The lead singer of the major label band, OK GO got an op-ed piece into the New York Times yesterday. A big up to them, seriously. OK GO is on the EMI label and narrowly escaped EMI’s forceful hand at putting DRM on their most recently-released album and have been doing some anti-DRM talk for some time. DRM stands for digital rights management and refers to any software or hardware that locks down digital content. DRM is supported by the DMCA, which was passed in Congress and says that anything that tries to break that lock is in violation of the copyright. Damian says,

“We are also the sort of band that hasn’t yet gotten the full attention of MTV and major commercial radio stations, so those college students are our only window onto the world. They are our best chance for success, and we desperately need them to be listening to us, talking about us, coming to our shows and yes, trading us.”

The op-ed is an interesting read and gives a good run-down of why DRM is bad for small but majorly signed bands like theirs. Bands in this limbo zone often have a hard time making enough record sales to make a profit over and above the amount they owe to their label. So, there are two major issues involved here:

1a. Small major bands have a tough time making it and find themselves choosing between a rock and a hard place.

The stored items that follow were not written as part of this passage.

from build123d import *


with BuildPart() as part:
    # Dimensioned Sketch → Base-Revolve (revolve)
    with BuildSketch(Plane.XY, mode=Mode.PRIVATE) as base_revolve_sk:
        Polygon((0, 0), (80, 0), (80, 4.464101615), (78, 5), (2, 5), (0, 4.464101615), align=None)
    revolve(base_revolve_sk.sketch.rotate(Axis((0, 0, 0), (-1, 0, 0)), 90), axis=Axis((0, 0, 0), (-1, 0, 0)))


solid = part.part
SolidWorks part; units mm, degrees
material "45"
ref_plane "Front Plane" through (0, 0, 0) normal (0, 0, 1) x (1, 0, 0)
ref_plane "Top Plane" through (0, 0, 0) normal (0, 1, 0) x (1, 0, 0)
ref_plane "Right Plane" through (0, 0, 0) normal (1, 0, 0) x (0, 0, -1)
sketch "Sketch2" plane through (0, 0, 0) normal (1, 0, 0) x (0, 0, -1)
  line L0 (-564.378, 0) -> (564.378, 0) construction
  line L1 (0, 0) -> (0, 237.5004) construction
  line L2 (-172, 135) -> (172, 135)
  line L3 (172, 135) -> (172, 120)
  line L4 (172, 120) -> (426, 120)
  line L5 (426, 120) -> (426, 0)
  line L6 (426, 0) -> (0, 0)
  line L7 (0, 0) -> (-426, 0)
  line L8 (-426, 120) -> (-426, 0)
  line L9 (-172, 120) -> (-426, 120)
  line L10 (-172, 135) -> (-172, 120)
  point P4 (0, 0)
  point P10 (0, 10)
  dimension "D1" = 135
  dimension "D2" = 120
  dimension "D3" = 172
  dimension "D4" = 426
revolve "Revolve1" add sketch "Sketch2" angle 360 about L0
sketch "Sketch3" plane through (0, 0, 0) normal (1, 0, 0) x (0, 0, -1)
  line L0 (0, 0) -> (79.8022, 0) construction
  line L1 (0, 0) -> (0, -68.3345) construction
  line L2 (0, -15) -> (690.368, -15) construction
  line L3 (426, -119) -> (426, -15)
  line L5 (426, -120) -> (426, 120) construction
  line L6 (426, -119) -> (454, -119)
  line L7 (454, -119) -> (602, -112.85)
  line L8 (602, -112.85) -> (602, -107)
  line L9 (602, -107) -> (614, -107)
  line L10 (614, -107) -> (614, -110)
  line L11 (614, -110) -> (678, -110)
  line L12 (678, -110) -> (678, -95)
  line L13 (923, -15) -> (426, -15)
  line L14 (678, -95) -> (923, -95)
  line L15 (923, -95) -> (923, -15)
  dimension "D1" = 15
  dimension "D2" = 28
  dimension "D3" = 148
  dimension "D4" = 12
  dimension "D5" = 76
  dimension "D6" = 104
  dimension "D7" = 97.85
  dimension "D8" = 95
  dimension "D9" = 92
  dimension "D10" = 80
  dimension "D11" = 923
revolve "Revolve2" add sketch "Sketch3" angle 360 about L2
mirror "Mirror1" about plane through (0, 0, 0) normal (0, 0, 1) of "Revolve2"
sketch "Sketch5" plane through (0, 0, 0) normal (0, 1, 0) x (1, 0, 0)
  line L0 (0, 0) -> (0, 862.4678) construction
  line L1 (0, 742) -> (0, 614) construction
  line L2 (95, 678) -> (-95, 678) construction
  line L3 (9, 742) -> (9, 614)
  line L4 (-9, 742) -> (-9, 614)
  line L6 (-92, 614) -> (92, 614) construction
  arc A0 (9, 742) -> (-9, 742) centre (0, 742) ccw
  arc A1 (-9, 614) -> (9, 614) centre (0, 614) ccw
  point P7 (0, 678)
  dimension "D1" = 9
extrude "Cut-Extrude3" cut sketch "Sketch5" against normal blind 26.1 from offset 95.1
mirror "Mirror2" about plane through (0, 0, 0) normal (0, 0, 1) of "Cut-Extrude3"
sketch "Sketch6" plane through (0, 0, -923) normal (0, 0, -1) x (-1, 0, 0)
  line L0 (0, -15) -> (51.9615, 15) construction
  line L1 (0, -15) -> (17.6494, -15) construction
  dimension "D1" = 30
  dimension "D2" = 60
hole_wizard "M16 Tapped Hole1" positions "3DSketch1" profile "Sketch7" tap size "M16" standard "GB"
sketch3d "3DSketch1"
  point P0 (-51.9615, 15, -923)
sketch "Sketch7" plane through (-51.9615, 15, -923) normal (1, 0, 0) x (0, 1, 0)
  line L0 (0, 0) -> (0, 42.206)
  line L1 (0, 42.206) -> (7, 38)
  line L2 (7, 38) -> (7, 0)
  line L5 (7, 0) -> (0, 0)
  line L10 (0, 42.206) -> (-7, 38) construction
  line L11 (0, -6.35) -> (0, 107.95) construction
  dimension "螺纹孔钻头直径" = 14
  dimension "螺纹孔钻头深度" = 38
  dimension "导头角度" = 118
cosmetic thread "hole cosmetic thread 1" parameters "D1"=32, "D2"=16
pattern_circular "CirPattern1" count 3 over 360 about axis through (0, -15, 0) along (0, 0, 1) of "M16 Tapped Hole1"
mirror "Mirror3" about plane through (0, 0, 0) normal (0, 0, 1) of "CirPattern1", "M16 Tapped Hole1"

1b. Bands that are signed to major labels but aren’t big enough to survive without more radio play need some other form of play. (Read producer, Albini’s expose on the industry and small bands.)

2. Bands that must have DRM on their cd’s or music get a double punch and have less of a chance at getting popular.

This is good news that bands are getting political about their music and their right to let music spread on channels that are open to them, like the internet. It is also good news that the internet’s influence on music is getting mainstream press play, which points to the fact that the internet and the badness of DRM are becoming important pieces of music distribution and marketing.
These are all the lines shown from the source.